I am on the board of directors for one of the University of California, Irvine School of Medicine’s fellowships, which awards a fellowship to an MD/PhD student each year.
The reason I agreed to be on this panel is not just to give money to a student doing good research, but because I wanted to see the future of science, which starts at the university level.
And the future of science is not in the research, it is in the scientist.
Each year we receive research proposals from each applicant that specify what they are working on. Most students have been working on their research topic for many years and have at least one publication detailing their work. We receive many proposals and select the top 5 proposals for personal presentation. And from the 5 presenters we choose a winner.
We’ve met long enough at this point for patterns to emerge among scholarship winners. The scholarship winner is not necessarily the one with the best research, the scholarship winner is the one who presents their research best.
This year the scholarship winner was the one we all agreed was the best. She presented her research professionally, clearly and confidently. Her work also held great promise for real-world application because it focused on understanding viral infections and the immune response.
Her presentation and work stood out to me because she was an excellent scientist. But another student stood out to me in her presentation because she was the opposite, she was a coward.
The Bantam Menace
The cowardly scientist is one who is afraid to take credit for his work. When discussing the research they conducted exclusively, they use “we” instead of “I.” A cowardly scientist is one who misrepresents his research. Instead of being confident and prepared about their results and explaining them to the room in a coherent and elegant way, the timid scientist rushes through his ill-prepared presentation and speaks quickly and stilted. If we can’t understand scientists’ research, regardless of its value, it doesn’t get funded. And it won’t go anywhere.
But perhaps the worst quality, the most dangerous quality of the cowardly scientist is the fear of their results. It is this fear that makes the cowardly scientist a threat.
A few months ago the head of the fellowship board and I met with previous winners to discuss the progress of their current research. A previous winner mentioned his work on the hippocampus in adult mice and how he discovered that the hippocampus can be asymmetric, which contradicts the established narrative in the literature that the hippocampus is symmetrical.
When I asked him when he would publish his findings, he said he would not. Research that could fundamentally change our understanding of emotion and memory, and lead to meaningful work and cures for disease, has been swept under the rug. And the reason was because this research was done by a cowardly scientist. He was afraid to publish this data because the data contradicted the work of his colleagues, and if he published contradictory data, he feared that he would be ostracized by the scientific community.

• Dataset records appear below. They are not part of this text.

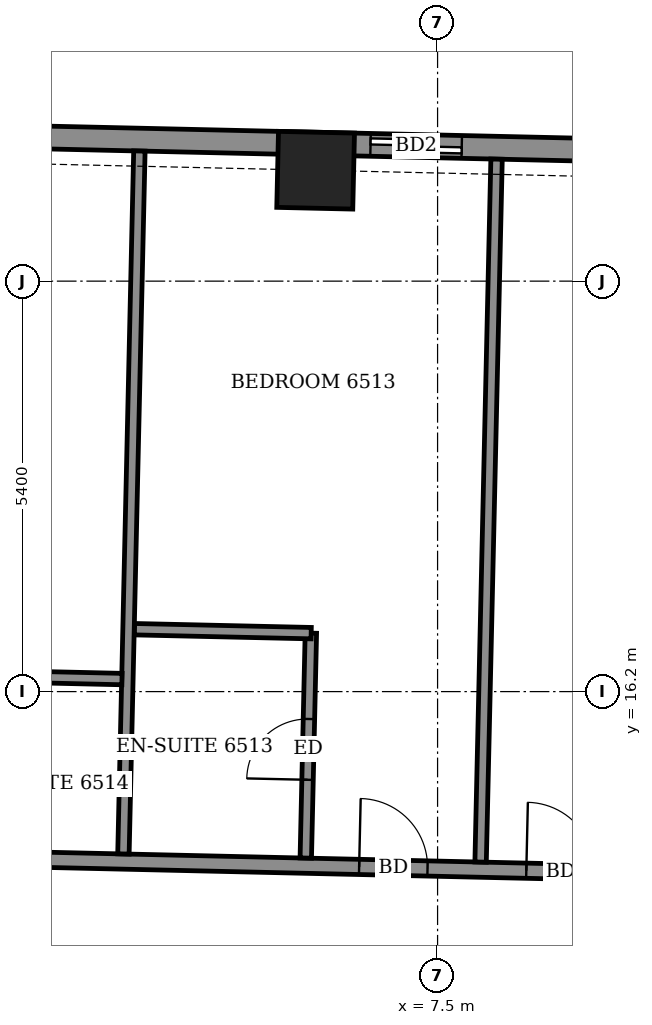
"""IFC4 building model, lengths in metres.
Left out: names, types, materials, properties, quantities, classifications, styles, units other than length and angle.
Written with IfcOpenShell. Run it as: python <this file> out.ifc"""

import sys

from ifc_helpers import new_model, si_unit, direction, frame, frame_2d, origin, origin_2d, place, context, subcontext, project, spatial, rectangle, extrude, element, fill, save


model = new_model("IFC4")
c1 = context("Model", 3, precision=1e-05, world=origin(), true_north=direction((0.0, 1.0)))
c2 = subcontext(c1, "Body", "Model", "MODEL_VIEW")
j1 = project(units=[si_unit("LENGTHUNIT", "METRE"), si_unit("PLANEANGLEUNIT", "RADIAN")], contexts=[c1])
p1 = place(None, origin())
s1 = spatial("IfcSite", under=j1, at=p1, CompositionType="ELEMENT")
p2 = place(p1, origin())
s2 = spatial("IfcBuilding", under=s1, at=p2, CompositionType="ELEMENT")
p3 = place(p2, frame((0.0, 0.0, 257.3)))
s3 = spatial("IfcBuildingStorey", under=s2, at=p3, CompositionType="ELEMENT", Elevation=257.3)
p4 = place(p3, frame((5.896, 23.059, -0.55), z_axis=(0.0, 0.0, 1.0), x_axis=(-0.999741948423, 0.022716438162, 0.0)))
e1 = element("IfcColumn", 1, at=p4, inside=s3, PredefinedType="COLUMN", context=c2, shape_type="SweptSolid", body=[
    extrude(rectangle(XDim=1.0, YDim=1.0, at=origin_2d()), origin(), (0.0, 0.0, 1.0), 3.6),
])
p5 = place(p3, frame((26.35, 22.945, 0.0), z_axis=(0.0, 0.0, 1.0), x_axis=(-0.999742523712, 0.022691105788, 0.0)))
e2 = element("IfcWall", 2, at=p5, inside=s3, PredefinedType="SOLIDWALL", context=c2, shape_type="SweptSolid", body=[
    extrude(rectangle(XDim=47.771, YDim=0.3, at=frame_2d((23.886, 0.0))), origin(), (0.0, 0.0, 1.0), 2.55),
])
p6 = place(p5, frame((1.578, 0.0, 0.0)))
e3 = element("IfcOpeningElement", 3, at=p6, cuts=e2, PredefinedType="OPENING", context=c2, shape_type="SweptSolid", body=[
    extrude(rectangle(XDim=1.5, YDim=2.4, at=frame_2d((0.75, 1.2))), frame((0.0, 0.16, 0.0), z_axis=(0.0, -1.0, 0.0), x_axis=(1.0, 0.0, 0.0)), (0.0, 0.0, 1.0), 0.32),
])
p7 = place(p5, frame((4.545, 0.0, 0.0)))
e4 = element("IfcOpeningElement", 4, at=p7, cuts=e2, PredefinedType="OPENING", context=c2, shape_type="SweptSolid", body=[
    extrude(rectangle(XDim=1.5, YDim=2.4, at=frame_2d((0.75, 1.2))), frame((0.0, 0.16, 0.0), z_axis=(0.0, -1.0, 0.0), x_axis=(1.0, 0.0, 0.0)), (0.0, 0.0, 1.0), 0.32),
])
p8 = place(p5, frame((10.354, 0.0, 0.0)))
e5 = element("IfcOpeningElement", 5, at=p8, cuts=e2, PredefinedType="OPENING", context=c2, shape_type="SweptSolid", body=[
    extrude(rectangle(XDim=1.5, YDim=2.4, at=frame_2d((0.75, 1.2))), frame((0.0, 0.16, 0.0), z_axis=(0.0, -1.0, 0.0), x_axis=(1.0, 0.0, 0.0)), (0.0, 0.0, 1.0), 0.32),
])
p9 = place(p5, frame((15.204, 0.0, 0.0)))
e6 = element("IfcOpeningElement", 6, at=p9, cuts=e2, PredefinedType="OPENING", context=c2, shape_type="SweptSolid", body=[
    extrude(rectangle(XDim=1.5, YDim=2.4, at=frame_2d((0.75, 1.2))), frame((0.0, 0.16, 0.0), z_axis=(0.0, -1.0, 0.0), x_axis=(1.0, 0.0, 0.0)), (0.0, 0.0, 1.0), 0.32),
])
p10 = place(p5, frame((18.537, 0.0, 0.0)))
e7 = element("IfcOpeningElement", 7, at=p10, cuts=e2, PredefinedType="OPENING", context=c2, shape_type="SweptSolid", body=[
    extrude(rectangle(XDim=1.2, YDim=2.4, at=frame_2d((0.6, 1.2))), frame((0.0, 0.16, 0.0), z_axis=(0.0, -1.0, 0.0), x_axis=(1.0, 0.0, 0.0)), (0.0, 0.0, 1.0), 0.32),
])
p11 = place(p5, frame((24.171, 0.0, 0.0)))
e8 = element("IfcOpeningElement", 8, at=p11, cuts=e2, PredefinedType="OPENING", context=c2, shape_type="SweptSolid", body=[
    extrude(rectangle(XDim=1.5, YDim=2.4, at=frame_2d((0.75, 1.2))), frame((0.0, 0.16, 0.0), z_axis=(0.0, -1.0, 0.0), x_axis=(1.0, 0.0, 0.0)), (0.0, 0.0, 1.0), 0.32),
])
p12 = place(p5, frame((28.871, 0.0, 0.0)))
e9 = element("IfcOpeningElement", 9, at=p12, cuts=e2, PredefinedType="OPENING", context=c2, shape_type="SweptSolid", body=[
    extrude(rectangle(XDim=1.5, YDim=2.4, at=frame_2d((0.75, 1.2))), frame((0.0, 0.16, 0.0), z_axis=(0.0, -1.0, 0.0), x_axis=(1.0, 0.0, 0.0)), (0.0, 0.0, 1.0), 0.32),
])
p13 = place(p5, frame((32.055, 0.0, 0.0)))
e10 = element("IfcOpeningElement", 10, at=p13, cuts=e2, PredefinedType="OPENING", context=c2, shape_type="SweptSolid", body=[
    extrude(rectangle(XDim=1.5, YDim=2.4, at=frame_2d((0.75, 1.2))), frame((0.0, 0.16, 0.0), z_axis=(0.0, -1.0, 0.0), x_axis=(1.0, 0.0, 0.0)), (0.0, 0.0, 1.0), 0.32),
])
p14 = place(p5, frame((37.813, 0.0, 0.0)))
e11 = element("IfcOpeningElement", 11, at=p14, cuts=e2, PredefinedType="OPENING", context=c2, shape_type="SweptSolid", body=[
    extrude(rectangle(XDim=1.5, YDim=2.4, at=frame_2d((0.75, 1.2))), frame((0.0, 0.16, 0.0), z_axis=(0.0, -1.0, 0.0), x_axis=(1.0, 0.0, 0.0)), (0.0, 0.0, 1.0), 0.32),
])
p15 = place(p5, frame((43.052, 0.0, 0.9)))
e12 = element("IfcOpeningElement", 12, at=p15, cuts=e2, PredefinedType="OPENING", context=c2, shape_type="SweptSolid", body=[
    extrude(rectangle(XDim=2.4, YDim=1.5, at=frame_2d((1.2, 0.75))), frame((0.0, 0.16, 0.0), z_axis=(0.0, -1.0, 0.0), x_axis=(1.0, 0.0, 0.0)), (0.0, 0.0, 1.0), 0.32),
])
p16 = place(p3, frame((-24.474, 14.596, 0.0), z_axis=(0.0, 0.0, 1.0), x_axis=(0.999742424031, -0.022695497208, 0.0)))
e13 = element("IfcWall", 13, at=p16, inside=s3, PredefinedType="PARTITIONING", context=c2, shape_type="SweptSolid", body=[
    extrude(rectangle(XDim=52.872, YDim=0.2, at=frame_2d((26.436, 0.0))), origin(), (0.0, 0.0, 1.0), 3.05),
])
p17 = place(p16, frame((51.336, 0.0, 0.0)))
e14 = element("IfcOpeningElement", 14, at=p17, cuts=e13, PredefinedType="OPENING", context=c2, shape_type="SweptSolid", body=[
    extrude(rectangle(XDim=1.0, YDim=2.1, at=frame_2d((0.5, 1.05))), frame((0.0, 0.11, 0.0), z_axis=(0.0, -1.0, 0.0), x_axis=(1.0, 0.0, 0.0)), (0.0, 0.0, 1.0), 0.22),
])
p18 = place(p16, frame((47.25, 0.0, 0.0)))
e15 = element("IfcOpeningElement", 15, at=p18, cuts=e13, PredefinedType="OPENING", context=c2, shape_type="SweptSolid", body=[
    extrude(rectangle(XDim=0.9, YDim=2.1, at=frame_2d((0.45, 1.05))), frame((0.0, 0.11, 0.0), z_axis=(0.0, -1.0, 0.0), x_axis=(1.0, 0.0, 0.0)), (0.0, 0.0, 1.0), 0.22),
])
p19 = place(p16, frame((42.475, 0.0, 0.0)))
e16 = element("IfcOpeningElement", 16, at=p19, cuts=e13, PredefinedType="OPENING", context=c2, shape_type="SweptSolid", body=[
    extrude(rectangle(XDim=0.9, YDim=2.1, at=frame_2d((0.45, 1.05))), frame((0.0, 0.11, 0.0), z_axis=(0.0, -1.0, 0.0), x_axis=(1.0, 0.0, 0.0)), (0.0, 0.0, 1.0), 0.22),
])
p20 = place(p16, frame((40.15, 0.0, 0.0)))
e17 = element("IfcOpeningElement", 17, at=p20, cuts=e13, PredefinedType="OPENING", context=c2, shape_type="SweptSolid", body=[
    extrude(rectangle(XDim=0.9, YDim=2.1, at=frame_2d((0.45, 1.05))), frame((0.0, 0.11, 0.0), z_axis=(0.0, -1.0, 0.0), x_axis=(1.0, 0.0, 0.0)), (0.0, 0.0, 1.0), 0.22),
])
p21 = place(p16, frame((33.15, 0.0, 0.0)))
e18 = element("IfcOpeningElement", 18, at=p21, cuts=e13, PredefinedType="OPENING", context=c2, shape_type="SweptSolid", body=[
    extrude(rectangle(XDim=0.9, YDim=2.1, at=frame_2d((0.45, 1.05))), frame((0.0, 0.11, 0.0), z_axis=(0.0, -1.0, 0.0), x_axis=(1.0, 0.0, 0.0)), (0.0, 0.0, 1.0), 0.22),
])
p22 = place(p16, frame((30.95, 0.0, 0.0)))
e19 = element("IfcOpeningElement", 19, at=p22, cuts=e13, PredefinedType="OPENING", context=c2, shape_type="SweptSolid", body=[
    extrude(rectangle(XDim=0.9, YDim=2.1, at=frame_2d((0.45, 1.05))), frame((0.0, 0.11, 0.0), z_axis=(0.0, -1.0, 0.0), x_axis=(1.0, 0.0, 0.0)), (0.0, 0.0, 1.0), 0.22),
])
p23 = place(p16, frame((23.975, 0.0, 0.0)))
e20 = element("IfcOpeningElement", 20, at=p23, cuts=e13, PredefinedType="OPENING", context=c2, shape_type="SweptSolid", body=[
    extrude(rectangle(XDim=0.9, YDim=2.1, at=frame_2d((0.45, 1.05))), frame((0.0, 0.11, 0.0), z_axis=(0.0, -1.0, 0.0), x_axis=(1.0, 0.0, 0.0)), (0.0, 0.0, 1.0), 0.22),
])
p24 = place(p16, frame((21.925, 0.0, 0.0)))
e21 = element("IfcOpeningElement", 21, at=p24, cuts=e13, PredefinedType="OPENING", context=c2, shape_type="SweptSolid", body=[
    extrude(rectangle(XDim=0.9, YDim=2.1, at=frame_2d((0.45, 1.05))), frame((0.0, 0.11, 0.0), z_axis=(0.0, -1.0, 0.0), x_axis=(1.0, 0.0, 0.0)), (0.0, 0.0, 1.0), 0.22),
])
p25 = place(p16, frame((14.975, 0.0, 0.0)))
e22 = element("IfcOpeningElement", 22, at=p25, cuts=e13, PredefinedType="OPENING", context=c2, shape_type="SweptSolid", body=[
    extrude(rectangle(XDim=0.9, YDim=2.1, at=frame_2d((0.45, 1.05))), frame((0.0, 0.11, 0.0), z_axis=(0.0, -1.0, 0.0), x_axis=(1.0, 0.0, 0.0)), (0.0, 0.0, 1.0), 0.22),
])
p26 = place(p16, frame((12.65, 0.0, 0.0)))
e23 = element("IfcOpeningElement", 23, at=p26, cuts=e13, PredefinedType="OPENING", context=c2, shape_type="SweptSolid", body=[
    extrude(rectangle(XDim=0.9, YDim=2.1, at=frame_2d((0.45, 1.05))), frame((0.0, 0.11, 0.0), z_axis=(0.0, -1.0, 0.0), x_axis=(1.0, 0.0, 0.0)), (0.0, 0.0, 1.0), 0.22),
])
p27 = place(p16, frame((2.0, 0.0, 0.0)))
e24 = element("IfcOpeningElement", 24, at=p27, cuts=e13, PredefinedType="OPENING", context=c2, shape_type="SweptSolid", body=[
    extrude(rectangle(XDim=1.0, YDim=2.1, at=frame_2d((0.5, 1.05))), frame((0.0, 0.11, 0.0), z_axis=(0.0, -1.0, 0.0), x_axis=(1.0, 0.0, 0.0)), (0.0, 0.0, 1.0), 0.22),
])
p28 = place(p16, frame((7.75, 0.0, 0.0)))
e25 = element("IfcOpeningElement", 25, at=p28, cuts=e13, PredefinedType="OPENING", context=c2, shape_type="SweptSolid", body=[
    extrude(rectangle(XDim=0.9, YDim=2.1, at=frame_2d((0.45, 1.05))), frame((0.0, 0.11, 0.0), z_axis=(0.0, -1.0, 0.0), x_axis=(1.0, 0.0, 0.0)), (0.0, 0.0, 1.0), 0.22),
])
p29 = place(p3, frame((3.367, 14.064, 0.0), z_axis=(0.0, 0.0, 1.0), x_axis=(0.022697424684, 0.999742380272, 0.0)))
e26 = element("IfcWall", 26, at=p29, inside=s3, PredefinedType="PARTITIONING", context=c2, shape_type="SweptSolid", body=[
    extrude(rectangle(XDim=9.25, YDim=0.15, at=frame_2d((4.625, 0.0))), origin(), (0.0, 0.0, 1.0), 2.55),
])
p30 = place(p3, frame((5.766, 14.01, 0.0), z_axis=(0.0, 0.0, 1.0), x_axis=(0.022601485787, 0.999744553794, 0.0)))
e27 = element("IfcWall", 27, at=p30, inside=s3, PredefinedType="PARTITIONING", context=c2, shape_type="SweptSolid", body=[
    extrude(rectangle(XDim=2.96, YDim=0.15, at=frame_2d((1.48, 0.0))), origin(), (0.0, 0.0, 1.0), 3.05),
])
p31 = place(p30, frame((1.03, 0.0, 0.0)))
e28 = element("IfcOpeningElement", 28, at=p31, cuts=e27, PredefinedType="OPENING", context=c2, shape_type="SweptSolid", body=[
    extrude(rectangle(XDim=0.8, YDim=2.1, at=frame_2d((0.4, 1.05))), frame((0.0, 0.085, 0.0), z_axis=(0.0, -1.0, 0.0), x_axis=(1.0, 0.0, 0.0)), (0.0, 0.0, 1.0), 0.17),
])
p32 = place(p3, frame((8.066, 13.957, 0.0), z_axis=(0.0, 0.0, 1.0), x_axis=(0.022697424684, 0.999742380272, 0.0)))
e29 = element("IfcWall", 29, at=p32, inside=s3, PredefinedType="PARTITIONING", context=c2, shape_type="SweptSolid", body=[
    extrude(rectangle(XDim=9.25, YDim=0.15, at=frame_2d((4.625, 0.0))), origin(), (0.0, 0.0, 1.0), 2.55),
])
for number, where, z_axis, x_axis in (
    (30, (1.024, 16.418, 0.0), (0.0, 0.0, 1.0), (1.0, -0.023, 0.0)),
    (31, (3.513, 17.021, 0.0), (0.0, 0.0, 1.0), (1.0, -0.022, 0.0)),
):
    element("IfcWall", number, at=place(p3, frame(where, z_axis=z_axis, x_axis=x_axis)), inside=s3, PredefinedType="PARTITIONING", context=c2, shape_type="SweptSolid", body=[
        extrude(rectangle(XDim=2.324, YDim=0.15, at=frame_2d((1.162, 0.0))), origin(), (0.0, 0.0, 1.0), 3.05),
    ])
p33 = place(p10, origin())
e32 = element("IfcDoor", 32, at=p33, inside=s3, OperationType="SLIDING_TO_LEFT", PredefinedType="DOOR", context=c2, shape_type="SweptSolid", body=[
    extrude(rectangle(XDim=1.2, YDim=2.4, at=frame_2d((0.6, 1.2))), frame((0.0, 0.025, 0.0), z_axis=(0.0, -1.0, 0.0), x_axis=(1.0, 0.0, 0.0)), (0.0, 0.0, 1.0), 0.05),
])
fill(e7, e32)
p34 = place(p21, origin())
e33 = element("IfcDoor", 33, at=p34, inside=s3, OperationType="SINGLE_SWING_RIGHT", PredefinedType="DOOR", context=c2, shape_type="SweptSolid", body=[
    extrude(rectangle(XDim=0.9, YDim=2.1, at=frame_2d((0.45, 1.05))), frame((0.0, 0.025, 0.0), z_axis=(0.0, -1.0, 0.0), x_axis=(1.0, 0.0, 0.0)), (0.0, 0.0, 1.0), 0.05),
])
fill(e18, e33)
p35 = place(p22, origin())
e34 = element("IfcDoor", 34, at=p35, inside=s3, OperationType="SINGLE_SWING_LEFT", PredefinedType="DOOR", context=c2, shape_type="SweptSolid", body=[
    extrude(rectangle(XDim=0.9, YDim=2.1, at=frame_2d((0.45, 1.05))), frame((0.0, 0.025, 0.0), z_axis=(0.0, -1.0, 0.0), x_axis=(1.0, 0.0, 0.0)), (0.0, 0.0, 1.0), 0.05),
])
fill(e19, e34)
p36 = place(p31, origin())
e35 = element("IfcDoor", 35, at=p36, inside=s3, OperationType="SINGLE_SWING_LEFT", PredefinedType="DOOR", context=c2, shape_type="SweptSolid", body=[
    extrude(rectangle(XDim=0.8, YDim=2.1, at=frame_2d((0.4, 1.05))), frame((0.0, 0.025, 0.0), z_axis=(0.0, -1.0, 0.0), x_axis=(1.0, 0.0, 0.0)), (0.0, 0.0, 1.0), 0.05),
])
fill(e28, e35)
save(model, sys.argv[1])

The above scenario is not rare, it happens in every scientific laboratory on the planet. The scientist’s dilemma of whether to publish or be liked is why science, once a great rushing river of information, has become a tepid pool of dead water data.
The dilemma of scientists to publish the truth or be one of the crowd is not unfounded and is one of the reasons why I left the scientific community and started my own laboratory. It is the reason why many scientists left their scientific environment to follow their own path. A notable example is Barbara McClintock and her discovery of transposons. Barbara McClintock, while researching the chromosomes in maize found something strange: genes are not fixed, but move or transpose and can be turned on and off. She was laughed out of the scientific community, met with outrage and outrage from her colleagues, and refused publication. However, she put her facts out there and was awarded the Nobel many years later when everyone admitted she was right.
If instead of worrying about their own egos, McClintocks peers had looked at her data, then we would be decades ahead of genetic research than we are now. And we would have published scientific work showing the negatives in addition to the positives. The problem is that published scientific research serves colleagues and journals more than the public.
Go sideways
The peer review process and scientific publication do nothing to weed out bad science and encourage good science. In fact, it does the opposite. An example: When I was studying stem cell biology, my professor had finally given up her research in stem cell biology, a highly competitive and aggressive field. She did a good job of understanding how stem cells could be used to treat glial scarring in the spinal cord, and she could have helped a lot of people in her work.
The reason it stopped was because of the corruption of the peer review process. She explained how every time she tried to publish her data, one of the journal’s “peers” would either reject her work because it conflicted with his work, or put the work on hold, steal the methods and results, and publish the himself this data. She explained that the theft or suppression of research was pervasive enough to cause her to give up science and focus solely on teaching.
I had experienced the above myself, although on a smaller level. I have been offered bribes to drop my research on hyaluronic acid, vitamin C and essential oils. Or my interviews discussing their negative effects have been deleted from the internet because the advertisers in those publications have skin care brands that my research called into question.
We see that science is less new and innovative and more of the same and I know it’s because of the fear of being alone in your attitude. Today, the cowardly scientist is the rule and the courageous scientist the exception. Like many other areas of our society, those who speak out are targeted for public ridicule or cancellation. And in the end, this censorship in the name of salvaging feelings or preserving the ego hurts progress. And in the name of progress we must demand that the real scientist stand up.